Beyond the APOE gene, we can further speculate that the loss of APOE methylation in some glial cells could have additional aberrant biological effects. For example, complete loss of methylation in this region could potentially have altered regulatory effects on other cis- or trans-genes (Aran et al., 2013) potentially affecting the glial cells supporting functions and even contributing to AD risk or pathophysiology. Of course, this is just one possibility and more glia specific APOE gene-regulatory studies are needed to test this hypothesis.

It will be interesting to further separate the glial nuclei into sub-populations, including astrocytes, microglia, and oligodendroglia, in future studies. This is challenging given that such a method is limited to immunolabeling of phenotypic markers, which must be expressed in the nucleus. Nevertheless, an oligodendroglial-specific protein, Olig2, (Okada et al., 2011) could provide a point of entry to probe into oligodendrocytes for their methylation profiles.

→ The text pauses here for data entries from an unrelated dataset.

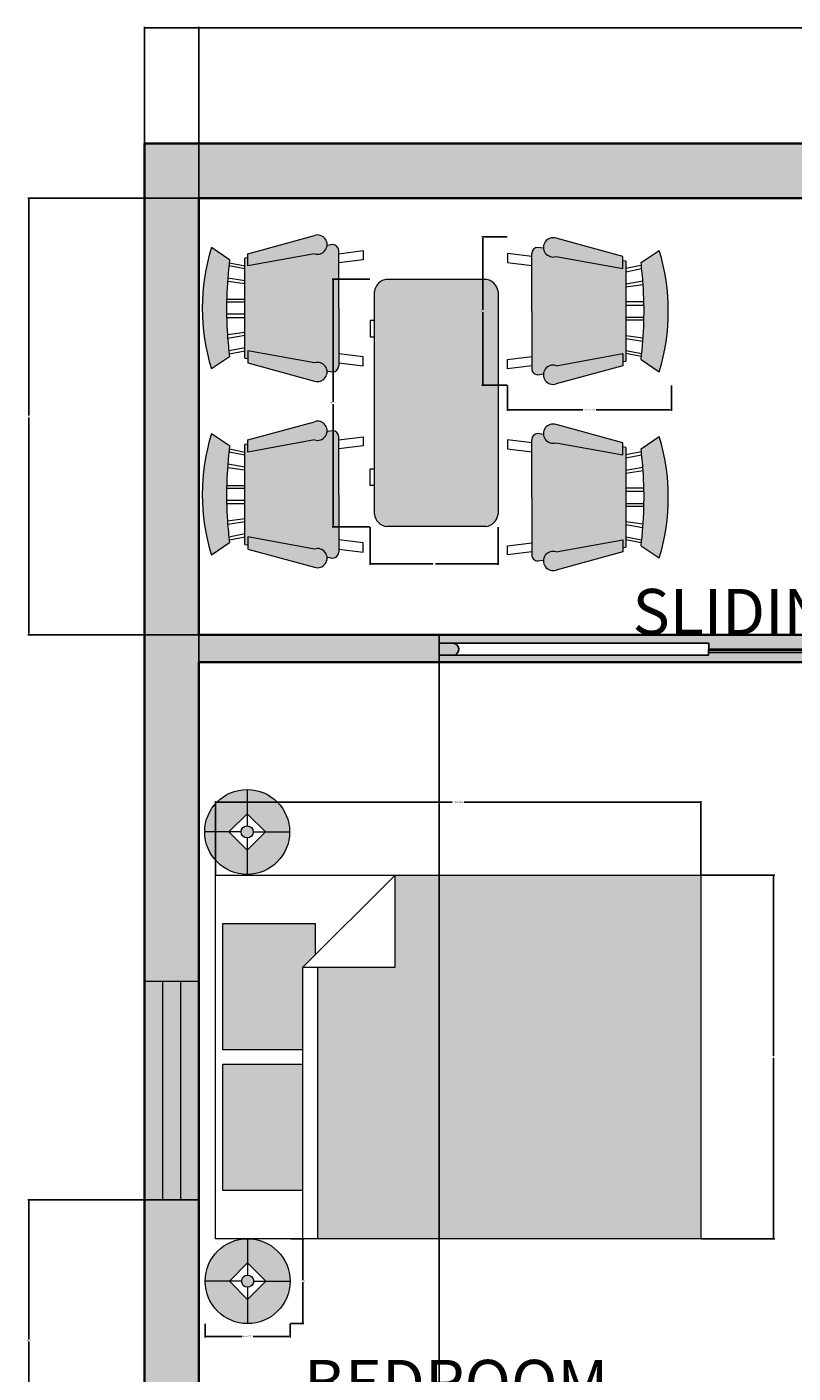
# Model space of a CAD drawing. Units: inches. Extents: x 857 to 1111, y 424 to 822.
# Tile 3 of 9: x 857 to 983, y 600 to 822. Entities that reach past the tile are written whole.
import ezdxf

# ---------------------------------------------------------------- set-up
doc = ezdxf.new("R2010")
doc.units = ezdxf.units.IN
for name, color, linetype, lineweight in [('A-ANNO-DIMS', 2, 'Continuous', 18), ('A-ANNO-TEXT', 7, 'Continuous', 18), ('A-AREA-IDEN', 7, 'Continuous', 25), ('A-DOOR', 3, 'Continuous', 25), ('A-DOOR-PATT', 17, 'Continuous', 13), ('A-FURN', 8, 'Continuous', 18), ('A-FURN-PATT', 9, 'Continuous', 13), ('A-GLAZ', 4, 'Continuous', 18), ('A-GLAZ-PATT', 9, 'Continuous', 13), ('A-WALL', 7, 'Continuous', 35), ('A-WALL-PATT', 252, 'Continuous', 13)]:
    doc.layers.add(name, color=color, linetype=linetype, lineweight=lineweight)
doc.styles.get("Standard").update_dxf_attribs({"font": 'arial.ttf'})
doc.dimstyles.get("Standard").update_dxf_attribs({"dimtxt": 0.18, "dimasz": 0.18, "dimexe": 0.18, "dimexo": 0.0625, "dimgap": 0.09, "dimtad": 0, "dimtih": 1, "dimtoh": 1, "dimdec": 4, "dimzin": 0, "dimdsep": 46, "dimtxsty": 'Standard', "dimcen": 0.09, "dimadec": 0, "dimazin": 0, "dimtfac": 1, "dimtdec": 4, "dimtofl": 0, "dimtmove": 0, "dimatfit": 3, "dimfxl": 1, "dimtolj": 1, "dimtzin": 0, "dimarcsym": 0})

# ---------------------------------------------------------------- blocks, each defined once
blk = doc.blocks.new('Bed - Queen')
for p, q in [((0, -80.00003), (0, 0)), ((0, 0), (59.99999, 0)), ((59.99999, 0), (59.99999, -80.00003)), ((7.99999, -1.2), (28.79998, -1.2)), ((7.99999, -14.4), (7.99999, -1.2)), ((28.79998, -1.2), (28.79998, -14.4)), ((31.19999, -1.2), (51.99999, -1.2)), ((31.19999, -14.4), (31.19999, -1.2)), ((51.99999, -1.2), (51.99999, -16.4)), ((0, -14.4), (44.8, -14.4)), ((59.99999, -29.6), (44.8, -14.4)), ((44.8, -14.4), (44.8, -29.6)), ((44.8, -16.8), (0, -16.8)), ((51.99999, -16.4), (46.79936, -16.4)), ((44.8, -29.6), (59.99999, -29.6)), ((59.99999, -80.00003), (0, -80.00003))]:
    blk.add_line(p, q)
blk = doc.blocks.new('Chair - Rocking')
for p, q in [((-8, -4.5), (-10, -1.5)), ((8, -4.5), (10, -1.5)), ((-6.5, -7), (-7.02225, -4.43)), ((-4.5, -7), (-4.96674, -4.19951)), ((-4, -7), (-4.40532, -4.16272)), ((-1.5, -4.05012), (-1.5, -7)), ((-1, -7), (-1, -4.05012)), ((1, -7), (1, -4.04655)), ((1.5, -4.05012), (1.5, -7)), ((4, -7), (4.40187, -4.18694)), ((4.5, -7), (4.96761, -4.19437)), ((6.5, -7), (7, -4.4057)), ((-7.5, -4.5), (-7, -7)), ((7.5, -4.5), (7, -7)), ((-9, -7.5), (-12, -18.49999)), ((-7, -7.5), (-9, -7.5)), ((-9, -18.49999), (-7, -7.5)), ((-8.23428, -6.99939), (-8.3093, -7.47958)), ((-8.23041, -7), (8.23915, -7)), ((7, -7.5), (9, -7.5)), ((9, -18.49999), (7, -7.5)), ((8.31071, -7.48854), (8.23449, -7.00073)), ((9, -7.5), (12, -18.49999)), ((-10.36644, -20.64523), (-10.5, -21.49999)), ((10.5, -21.49999), (10.3575, -20.58798)), ((-9, -22.49999), (-9.5, -26.49999)), ((0, -22.49999), (-9.5, -22.49999)), ((-8, -26.49999), (-7.5, -22.49999)), ((0, -22.49999), (9.5, -22.49999)), ((8, -26.49999), (7.5, -22.49999)), ((9, -22.49999), (9.5, -26.49999)), ((-9.5, -26.49999), (-8, -26.49999)), ((9.5, -26.49999), (8, -26.49999))]:
    blk.add_line(p, q)
for centre, radius, start, end in [((0, -34.08333), 34.08333, 72.93847, 107.0615), ((0, -68.25004), 64.25, 93.92211, 97.15267), ((0, -68.25004), 64.25, 82.84733, 93.92211), ((-10.5, -18.99999), 1.58114, 161.5651, 18.43495), ((10.5, -18.99999), 1.58114, 161.5651, 18.43495), ((-9.5, -21.49999), 1, 180, 270), ((9.5, -21.49999), 1, 270, 0)]:
    blk.add_arc(centre, radius, start, end)
blk = doc.blocks.new('Desk - 30 x 60 in.')
for p, q in [((-26.999995, 0), (26.999995, 0)), ((-29.999995, -27), (-29.999995, -3)), ((29.999995, -3), (29.999995, -27)), ((26.999995, -30), (-26.999995, -30)), ((-20.000005, -30), (-20.000005, -31)), ((-20.000005, -31), (-16.000005, -31)), ((-16.000005, -31), (-16.000005, -30)), ((15.999995, -31), (15.999995, -30)), ((19.999995, -31), (15.999995, -31)), ((19.999995, -30), (19.999995, -31))]:
    blk.add_line(p, q)
for centre, start, end in [((-26.499995, -3.5), 98.1301, 171.8699), ((26.499995, -3.5), 8.130102, 81.8699), ((-26.499995, -26.5), 188.1301, 261.8699), ((26.499995, -26.5), 278.1301, 351.8699)]:
    blk.add_arc(centre, 3.535534, start, end)
blk = doc.blocks.new('Lamp - Table')
for p, q in [((0, 7), (0, 1)), ((0, 3), (-3, 0)), ((3, 0), (0, 3)), ((-1, 0), (-7, 0)), ((-3, 0), (0, -3)), ((0, -3), (3, 0)), ((1, 0), (7, 0)), ((0, -1), (0, -7))]:
    blk.add_line(p, q)
for radius in [7, 1]:
    blk.add_circle((0, 0), radius)
blk = doc.blocks.new('WIN-36IN-9IN-WALL')
for p, q in [((3, 36), (3, 0)), ((6, 0), (6, 36))]:
    blk.add_line(p, q)
blk.add_lwpolyline([(0, 36), (0, 0), (9, 0), (9, 36)], close=True)
blk = doc.blocks.new('*D18')
at = {"layer": 'A-ANNO-DIMS', "color": 0, "lineweight": -2, "transparency": 16777216}
for p, q in [((936.02, 762.95), (936.02, 758.78)), ((963.02, 762.95), (963.02, 758.78)), ((936.2, 758.96), (948.42, 758.96)), ((962.84, 758.96), (950.62, 758.96))]:
    blk.add_line(p, q, dxfattribs=at)
at = {"layer": 'A-ANNO-DIMS', "color": 0, "transparency": 16777216}
for points in [[(936.2, 758.99), (936.2, 758.93), (936.02, 758.96)], [(962.84, 758.99), (962.84, 758.93), (963.02, 758.96)]]:
    blk.add_solid(points, dxfattribs=at)
at = {"layer": 'Defpoints', "color": 0, "transparency": 16777216}
for p in [(936.02, 763.01), (963.02, 763.01), (963.02, 758.96)]:
    blk.add_point(p, dxfattribs=at)
at = {"layer": 'A-ANNO-DIMS', "color": 0, "transparency": 16777216, "insert": (949.52, 758.96), "char_height": 0.18, "attachment_point": 5}
blk.add_mtext('\\A1;ROCKER 27 TYP.', dxfattribs=at)
blk = doc.blocks.new('*D19')
at = {"layer": 'A-ANNO-DIMS', "color": 0, "lineweight": -2, "transparency": 16777216}
for p, q in [((935.96, 787.45), (931.79, 787.45)), ((931.97, 787.27), (931.97, 775.41)), ((931.97, 763.19), (931.97, 775.05)), ((935.96, 763.01), (931.79, 763.01))]:
    blk.add_line(p, q, dxfattribs=at)
at = {"layer": 'A-ANNO-DIMS', "color": 0, "transparency": 16777216}
for points in [[(931.94, 787.27), (932, 787.27), (931.97, 787.45)], [(931.94, 763.19), (932, 763.19), (931.97, 763.01)]]:
    blk.add_solid(points, dxfattribs=at)
at = {"layer": 'Defpoints', "color": 0, "transparency": 16777216}
for p in [(936.02, 787.45), (931.97, 763.01), (936.02, 763.01)]:
    blk.add_point(p, dxfattribs=at)
at = {"layer": 'A-ANNO-DIMS', "color": 0, "transparency": 16777216, "insert": (931.97, 775.23), "char_height": 0.18, "attachment_point": 5}
blk.add_mtext('\\A1;24 TYP.', dxfattribs=at)
blk = doc.blocks.new('*D22')
at = {"layer": 'A-ANNO-DIMS', "color": 0, "lineweight": -2, "transparency": 16777216}
for p, q in [((886.16, 608.21), (886.16, 605.99)), ((900.16, 608.21), (900.16, 605.99)), ((886.34, 606.17), (892.26, 606.17)), ((899.98, 606.17), (894.06, 606.17))]:
    blk.add_line(p, q, dxfattribs=at)
at = {"layer": 'A-ANNO-DIMS', "color": 0, "transparency": 16777216}
for points in [[(886.34, 606.2), (886.34, 606.14), (886.16, 606.17)], [(899.98, 606.2), (899.98, 606.14), (900.16, 606.17)]]:
    blk.add_solid(points, dxfattribs=at)
at = {"layer": 'Defpoints', "color": 0, "transparency": 16777216}
for p in [(886.16, 608.27), (900.16, 608.27), (900.16, 606.17)]:
    blk.add_point(p, dxfattribs=at)
at = {"layer": 'A-ANNO-DIMS', "color": 0, "transparency": 16777216, "insert": (893.16, 606.17), "char_height": 0.18, "attachment_point": 5}
blk.add_mtext('\\A1;LAMP 14 TYP.', dxfattribs=at)
blk = doc.blocks.new('*D23')
at = {"layer": 'A-ANNO-DIMS', "color": 0, "lineweight": -2, "transparency": 16777216}
for p, q in [((900.23, 622.27), (902.44, 622.27)), ((902.26, 622.09), (902.26, 615.45)), ((902.26, 608.45), (902.26, 615.09)), ((900.23, 608.27), (902.44, 608.27))]:
    blk.add_line(p, q, dxfattribs=at)
at = {"layer": 'A-ANNO-DIMS', "color": 0, "transparency": 16777216}
for points in [[(902.23, 622.09), (902.29, 622.09), (902.26, 622.27)], [(902.23, 608.45), (902.29, 608.45), (902.26, 608.27)]]:
    blk.add_solid(points, dxfattribs=at)
at = {"layer": 'Defpoints', "color": 0, "transparency": 16777216}
for p in [(900.16, 622.27), (902.26, 622.27), (900.16, 608.27)]:
    blk.add_point(p, dxfattribs=at)
at = {"layer": 'A-ANNO-DIMS', "color": 0, "transparency": 16777216, "insert": (902.26, 615.27), "char_height": 0.18, "attachment_point": 5}
blk.add_mtext('\\A1;14 TYP.', dxfattribs=at)
blk = doc.blocks.new('*D28')
at = {"layer": 'A-ANNO-DIMS', "color": 0, "lineweight": -2, "transparency": 16777216}
for p, q in [((887.88, 682.29), (887.88, 694.41)), ((888.06, 694.23), (926.89, 694.23)), ((967.7, 694.23), (928.88, 694.23)), ((967.88, 682.29), (967.88, 694.41))]:
    blk.add_line(p, q, dxfattribs=at)
at = {"layer": 'A-ANNO-DIMS', "color": 0, "transparency": 16777216}
for points in [[(888.06, 694.26), (888.06, 694.2), (887.88, 694.23)], [(967.7, 694.26), (967.7, 694.2), (967.88, 694.23)]]:
    blk.add_solid(points, dxfattribs=at)
at = {"layer": 'Defpoints', "color": 0, "transparency": 16777216}
for p in [(887.88, 694.23), (887.88, 682.23), (967.88, 682.23)]:
    blk.add_point(p, dxfattribs=at)
at = {"layer": 'A-ANNO-DIMS', "color": 0, "transparency": 16777216, "insert": (927.88, 694.23), "char_height": 0.18, "attachment_point": 5}
blk.add_mtext('\\A1;QUEEN BED 80', dxfattribs=at)
blk = doc.blocks.new('*D29')
at = {"layer": 'A-ANNO-DIMS', "color": 0, "lineweight": -2, "transparency": 16777216}
for p, q in [((967.95, 682.23), (980.06, 682.23)), ((979.88, 682.05), (979.88, 652.41)), ((979.88, 622.41), (979.88, 652.04)), ((967.95, 622.23), (980.06, 622.23))]:
    blk.add_line(p, q, dxfattribs=at)
at = {"layer": 'A-ANNO-DIMS', "color": 0, "transparency": 16777216}
for points in [[(979.85, 682.05), (979.91, 682.05), (979.88, 682.23)], [(979.85, 622.41), (979.91, 622.41), (979.88, 622.23)]]:
    blk.add_solid(points, dxfattribs=at)
at = {"layer": 'Defpoints', "color": 0, "transparency": 16777216}
for p in [(967.88, 682.23), (979.88, 682.23), (967.88, 622.23)]:
    blk.add_point(p, dxfattribs=at)
at = {"layer": 'A-ANNO-DIMS', "color": 0, "transparency": 16777216, "insert": (979.88, 652.23), "char_height": 0.18, "attachment_point": 5}
blk.add_mtext('\\A1;60', dxfattribs=at)
blk = doc.blocks.new('*D42')
at = {"layer": 'A-ANNO-DIMS', "color": 0, "lineweight": -2, "transparency": 16777216}
for p, q in [((913.32, 780.49), (907.08, 780.49)), ((907.26, 780.31), (907.26, 760.27)), ((907.26, 739.86), (907.26, 759.9)), ((913.32, 739.68), (907.08, 739.68))]:
    blk.add_line(p, q, dxfattribs=at)
at = {"layer": 'A-ANNO-DIMS', "color": 0, "transparency": 16777216}
for points in [[(907.23, 780.31), (907.29, 780.31), (907.26, 780.49)], [(907.23, 739.86), (907.29, 739.86), (907.26, 739.68)]]:
    blk.add_solid(points, dxfattribs=at)
at = {"layer": 'Defpoints', "color": 0, "transparency": 16777216}
for p in [(913.38, 780.49), (907.26, 739.68), (913.38, 739.68)]:
    blk.add_point(p, dxfattribs=at)
at = {"layer": 'A-ANNO-DIMS', "color": 0, "transparency": 16777216, "insert": (907.26, 760.09), "char_height": 0.18, "attachment_point": 5}
blk.add_mtext('\\A1;DESK 41', dxfattribs=at)
blk = doc.blocks.new('*D43')
at = {"layer": 'A-ANNO-DIMS', "color": 0, "lineweight": -2, "transparency": 16777216}
for p, q in [((913.38, 739.62), (913.38, 733.38)), ((934.46, 739.62), (934.46, 733.38)), ((913.56, 733.56), (923.72, 733.56)), ((934.28, 733.56), (924.12, 733.56))]:
    blk.add_line(p, q, dxfattribs=at)
at = {"layer": 'A-ANNO-DIMS', "color": 0, "transparency": 16777216}
for points in [[(913.56, 733.59), (913.56, 733.53), (913.38, 733.56)], [(934.28, 733.59), (934.28, 733.53), (934.46, 733.56)]]:
    blk.add_solid(points, dxfattribs=at)
at = {"layer": 'Defpoints', "color": 0, "transparency": 16777216}
for p in [(913.38, 739.68), (934.46, 739.68), (934.46, 733.56)]:
    blk.add_point(p, dxfattribs=at)
at = {"layer": 'A-ANNO-DIMS', "color": 0, "transparency": 16777216, "insert": (923.92, 733.56), "char_height": 0.18, "attachment_point": 5}
blk.add_mtext('\\A1;21', dxfattribs=at)
blk = doc.blocks.new('*D44')
at = {"layer": 'A-ANNO-DIMS', "color": 0, "lineweight": -2, "transparency": 16777216}
for p, q in [((876.14, 802.92), (876.14, 822.09)), ((876.32, 821.91), (983.85, 821.91)), ((1091.96, 821.91), (984.43, 821.91)), ((1092.14, 802.92), (1092.14, 822.09))]:
    blk.add_line(p, q, dxfattribs=at)
at = {"layer": 'A-ANNO-DIMS', "color": 0, "transparency": 16777216}
for points in [[(876.32, 821.94), (876.32, 821.88), (876.14, 821.91)], [(1091.96, 821.94), (1091.96, 821.88), (1092.14, 821.91)]]:
    blk.add_solid(points, dxfattribs=at)
at = {"layer": 'Defpoints', "color": 0, "transparency": 16777216}
for p in [(1092.14, 821.91), (876.14, 802.86), (1092.14, 802.86)]:
    blk.add_point(p, dxfattribs=at)
at = {"layer": 'A-ANNO-DIMS', "color": 0, "transparency": 16777216, "insert": (984.14, 821.91), "char_height": 0.18, "attachment_point": 5}
blk.add_mtext('\\A1;216', dxfattribs=at)
blk = doc.blocks.new('*D48')
at = {"layer": 'A-ANNO-DIMS', "color": 0, "lineweight": -2, "transparency": 16777216}
for p, q in [((885.14, 582.42), (885.14, 822.09)), ((885.32, 821.91), (935, 821.91)), ((985.46, 821.91), (935.77, 821.91)), ((985.64, 582.42), (985.64, 822.09))]:
    blk.add_line(p, q, dxfattribs=at)
at = {"layer": 'A-ANNO-DIMS', "color": 0, "transparency": 16777216}
for points in [[(885.32, 821.94), (885.32, 821.88), (885.14, 821.91)], [(985.46, 821.94), (985.46, 821.88), (985.64, 821.91)]]:
    blk.add_solid(points, dxfattribs=at)
at = {"layer": 'Defpoints', "color": 0, "transparency": 16777216}
for p in [(985.64, 821.91), (885.14, 582.36), (985.64, 582.36)]:
    blk.add_point(p, dxfattribs=at)
at = {"layer": 'A-ANNO-DIMS', "color": 0, "transparency": 16777216, "insert": (935.39, 821.91), "char_height": 0.18, "attachment_point": 5}
blk.add_mtext('\\A1;100.5', dxfattribs=at)
blk = doc.blocks.new('*D54')
at = {"layer": 'A-ANNO-DIMS', "color": 0, "lineweight": -2, "transparency": 16777216}
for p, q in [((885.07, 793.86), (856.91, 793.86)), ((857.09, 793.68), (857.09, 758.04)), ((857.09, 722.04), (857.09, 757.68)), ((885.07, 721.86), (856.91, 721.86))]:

The cell specific methylation profiles observed here are consistent with those observed by Coppieters et al. who showed that neurons have higher overall methylation levels compared to glia (Coppieters et al., 2014). These results are also in line with our previous observation of higher APOE methylation levels in the cerebellum (Yu et al., 2013), which has a higher neuron to glia ratio compared to frontal lobe tissue (Azevedo et al., 2009). Decreased DNA methylation levels were observed in AD glia but not AD neurons, suggesting the involvement of the passive demethylation mechanism (Wu and Zhang, 2010), given that neurons are post-mitotic yet glia are not. Of further interest, we found the overall methylation pattern of this region to be similar across all cell types. Thus, while the overall levels of methylation were decrease in AD glia, the relative distribution of methylation within the APOE CGI remained consistent.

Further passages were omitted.